What does it do?
The matrixStats package provides highly optimized functions for computing common summaries over rows and columns of matrices, e.g.
rowQuantiles(). There are also functions that operate on vectors, e.g.
logSumExp(). Their implementations strive to minimize both memory usage and processing time. They are often remarkably faster compared to good old
apply() solutions. The calculations are mostly implemented in C, which allow us to optimize(*) beyond what is possible to do in plain R. The package installs out-of-the-box on all common operating systems, including Linux, OS X and Windows.
The following example computes the median of the columns in a 20-by-500 matrix
> X <- matrix(rnorm(20 * 500), nrow = 20, ncol = 500)
> stats <- microbenchmark::microbenchmark(colMedians = colMedians(X),
+ `apply+median` = apply(X, MARGIN = 2, FUN = median), unit = "ms")
expr min lq mean median uq max neval cld
colMedians 0.41 0.45 0.47 0.46 0.49 0.62 100 a
apply+median 22.62 23.69 25.21 24.51 26.71 32.80 100 b
It shows that
colMedians() is ~53 times faster than
apply(..., MARGIN=2, FUN=median) in this particular case. The relative gain varies with matrix shape, so you should benchmark with your configurations. You can also play around with the benchmark reports that are under development, e.g.

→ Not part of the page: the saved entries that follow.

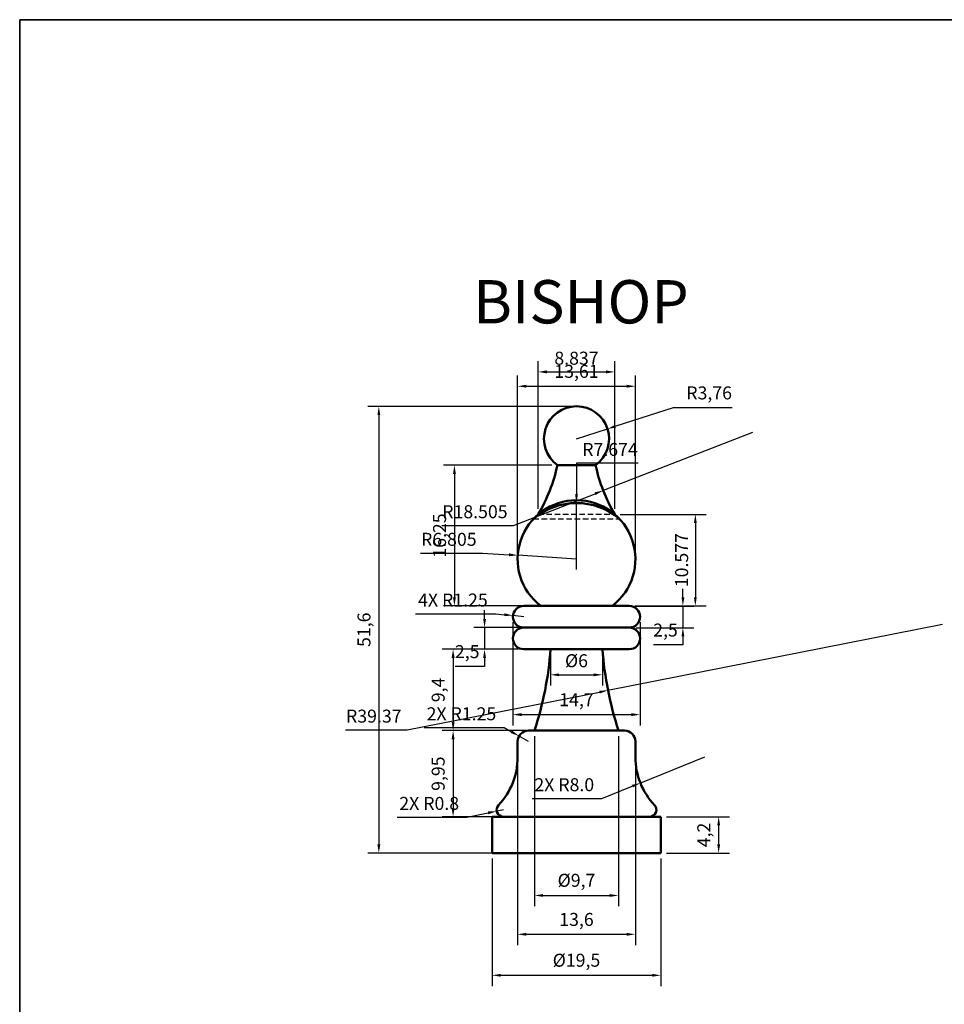
# Model space of a CAD drawing. Units: millimetres. Extents: x 172 to 469, y -14 to 196.
# Tile 2 of 5: x 172 to 279, y 82 to 196. Entities that reach past the tile are written whole.
import ezdxf

# ---------------------------------------------------------------- set-up
doc = ezdxf.new("R2010")
doc.units = ezdxf.units.MM
doc.header["$LTSCALE"] = 0.1
doc.linetypes.add('HIDDEN', pattern=[9.525, 6.35, -3.175])
for name, color, linetype, lineweight in [('M-DIMS', 2, 'Continuous', 25), ('M-HIDN', 1, 'HIDDEN', 25), ('M-OUTL', 7, 'Continuous', 50), ('M-TEXT', 3, 'Continuous', 25), ('M-TTLB', 7, 'Continuous', 35)]:
    doc.layers.add(name, color=color, linetype=linetype, lineweight=lineweight)
doc.styles.get("Standard").update_dxf_attribs({"font": 'arial.ttf'})
doc.dimstyles.new('ISO-25', dxfattribs={"dimtxt": 1.5, "dimasz": 1, "dimexe": 1.25, "dimexo": 0.625, "dimtad": 1, "dimtoh": 1, "dimtxsty": 'Standard', "dimcen": 2.5, "dimadec": 0, "dimazin": 0, "dimtfac": 1, "dimtmove": 0, "dimatfit": 3, "dimfxl": 1, "dimarcsym": 0})

# ---------------------------------------------------------------- blocks, each defined once
blk = doc.blocks.new('*D1')
at = {"layer": 'Defpoints', "color": 0, "ltscale": 0.1, "transparency": 16777216}
for p in [(229.35, 126.91), (244.05, 126.91), (244.05, 115.61)]:
    blk.add_point(p, dxfattribs=at)
at = {"layer": 'M-DIMS', "color": 0, "lineweight": -2, "ltscale": 0.1, "transparency": 16777216}
for p, q in [((229.35, 126.29), (229.35, 114.36)), ((244.05, 126.29), (244.05, 114.36)), ((230.35, 115.61), (243.05, 115.61))]:
    blk.add_line(p, q, dxfattribs=at)
at = {"layer": 'M-DIMS', "color": 0, "ltscale": 0.1, "transparency": 16777216}
for points in [[(230.35, 115.78), (230.35, 115.44), (229.35, 115.61)], [(243.05, 115.78), (243.05, 115.44), (244.05, 115.61)]]:
    blk.add_solid(points, dxfattribs=at)
at = {"layer": 'M-DIMS', "color": 0, "ltscale": 0.1, "transparency": 16777216, "insert": (236.7, 117.14), "char_height": 1.5, "attachment_point": 5}
blk.add_mtext('14,7', dxfattribs=at)
blk = doc.blocks.new('*D2')
at = {"layer": 'Defpoints', "color": 0, "ltscale": 0.1, "transparency": 16777216}
for p in [(233.7, 123.16), (239.7, 123.16), (239.7, 120.21)]:
    blk.add_point(p, dxfattribs=at)
at = {"layer": 'M-DIMS', "color": 0, "lineweight": -2, "ltscale": 0.1, "transparency": 16777216}
for p, q in [((233.7, 122.54), (233.7, 118.96)), ((239.7, 122.54), (239.7, 118.96)), ((234.7, 120.21), (238.7, 120.21))]:
    blk.add_line(p, q, dxfattribs=at)
at = {"layer": 'M-DIMS', "color": 0, "ltscale": 0.1, "transparency": 16777216}
for points in [[(234.7, 120.37), (234.7, 120.04), (233.7, 120.21)], [(238.7, 120.37), (238.7, 120.04), (239.7, 120.21)]]:
    blk.add_solid(points, dxfattribs=at)
at = {"layer": 'M-DIMS', "color": 0, "ltscale": 0.1, "transparency": 16777216, "insert": (236.7, 121.64), "char_height": 1.5, "attachment_point": 5}
blk.add_mtext('%%C6', dxfattribs=at)
blk = doc.blocks.new('*D3')
at = {"layer": 'Defpoints', "color": 0, "ltscale": 0.1, "transparency": 16777216}
for p in [(243.51, 153.53), (229.9, 133.57), (243.51, 133.57)]:
    blk.add_point(p, dxfattribs=at)
at = {"layer": 'M-DIMS', "color": 0, "lineweight": -2, "ltscale": 0.1, "transparency": 16777216}
for p, q in [((229.9, 134.19), (229.9, 154.78)), ((243.51, 134.19), (243.51, 154.78)), ((230.9, 153.53), (242.51, 153.53))]:
    blk.add_line(p, q, dxfattribs=at)
at = {"layer": 'M-DIMS', "color": 0, "ltscale": 0.1, "transparency": 16777216}
for points in [[(230.9, 153.7), (230.9, 153.37), (229.9, 153.53)], [(242.51, 153.7), (242.51, 153.37), (243.51, 153.53)]]:
    blk.add_solid(points, dxfattribs=at)
at = {"layer": 'M-DIMS', "color": 0, "ltscale": 0.1, "transparency": 16777216, "insert": (236.7, 155.06), "char_height": 1.5, "attachment_point": 5}
blk.add_mtext('13,61', dxfattribs=at)
blk = doc.blocks.new('*D4')
at = {"layer": 'Defpoints', "color": 0, "ltscale": 0.1, "transparency": 16777216}
for p in [(226.95, 99.61), (246.45, 99.61), (246.45, 85.5)]:
    blk.add_point(p, dxfattribs=at)
at = {"layer": 'M-DIMS', "color": 0, "lineweight": -2, "ltscale": 0.1, "transparency": 16777216}
for p, q in [((226.95, 98.99), (226.95, 84.25)), ((246.45, 98.99), (246.45, 84.25)), ((227.95, 85.5), (245.45, 85.5))]:
    blk.add_line(p, q, dxfattribs=at)
at = {"layer": 'M-DIMS', "color": 0, "ltscale": 0.1, "transparency": 16777216}
for points in [[(227.95, 85.67), (227.95, 85.34), (226.95, 85.5)], [(245.45, 85.67), (245.45, 85.34), (246.45, 85.5)]]:
    blk.add_solid(points, dxfattribs=at)
at = {"layer": 'M-DIMS', "color": 0, "ltscale": 0.1, "transparency": 16777216, "insert": (236.7, 87.05), "char_height": 1.5, "attachment_point": 5}
blk.add_mtext('%%C19,5', dxfattribs=at)
blk = doc.blocks.new('*D5')
at = {"layer": 'Defpoints', "color": 0, "ltscale": 0.1, "transparency": 16777216}
for p in [(229.9, 111.6), (243.5, 111.6), (243.5, 90.24)]:
    blk.add_point(p, dxfattribs=at)
at = {"layer": 'M-DIMS', "color": 0, "lineweight": -2, "ltscale": 0.1, "transparency": 16777216}
for p, q in [((229.9, 110.97), (229.9, 88.99)), ((243.5, 110.97), (243.5, 88.99)), ((230.9, 90.24), (242.5, 90.24))]:
    blk.add_line(p, q, dxfattribs=at)
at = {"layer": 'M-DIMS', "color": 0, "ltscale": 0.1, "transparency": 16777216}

html <- matrixStats:::benchmark("colRowMedians"); !html.
What is new?
With this release, all the functions run faster than ever before and at the same time use less memory than ever before, which in turn means that now even larger data matrices can be processed without having to upgrade the RAM. A few small bugs have also been fixed and some “missing” functions have been added to the R API. This update is part of a long-term tune-up that started back in June 2014. Most of the major groundwork has already been done, but there is still room for improvements. If you're using matrixStats functions in your package already now, you should see some notable speedups for those function calls, especially compared to what was available back in June. For instance,
rowMins() is now 5-20 times faster than functions such as
base::pmin.int() whereas in the past they performed roughly the same.
I've also added a large number of new package tests; the R and C source code coverage has recently gone up from 59% to 96% (… and counting). Some of the bugs were discovered as part of this effort. Here a special thank should go out to Jim Hester for his great work on covr, which provides me with on-the-fly coverage reports via Coveralls. (You can run covr locally or via GitHub + Travis CI, which is very easy if you're already up and running there. Try it!) I would also like to thank the R core team and the CRAN team for their continuous efforts on improving the package tests that we get via
R CMD check but also via the CRAN farm (which occasionally catches code issues that I'm not always seeing on my end).
Any type of feedback, including bug reports, is always appreciated!
* One strategy for keeping the memory footprint at a minimum is to optimize the implementations for the integer and the numeric (double) data types separately. Because of this, a great number of data-type coercions are avoided, coercions that otherwise would consume precious memory due to temporarily allocated copies, but also precious processing time because the garbage collector later would have to spend time cleaning up the mess. The new
weightedMean() function, which is many times faster than
stats::weighted.mean(), is one of several cases where this strategy is particular helpful.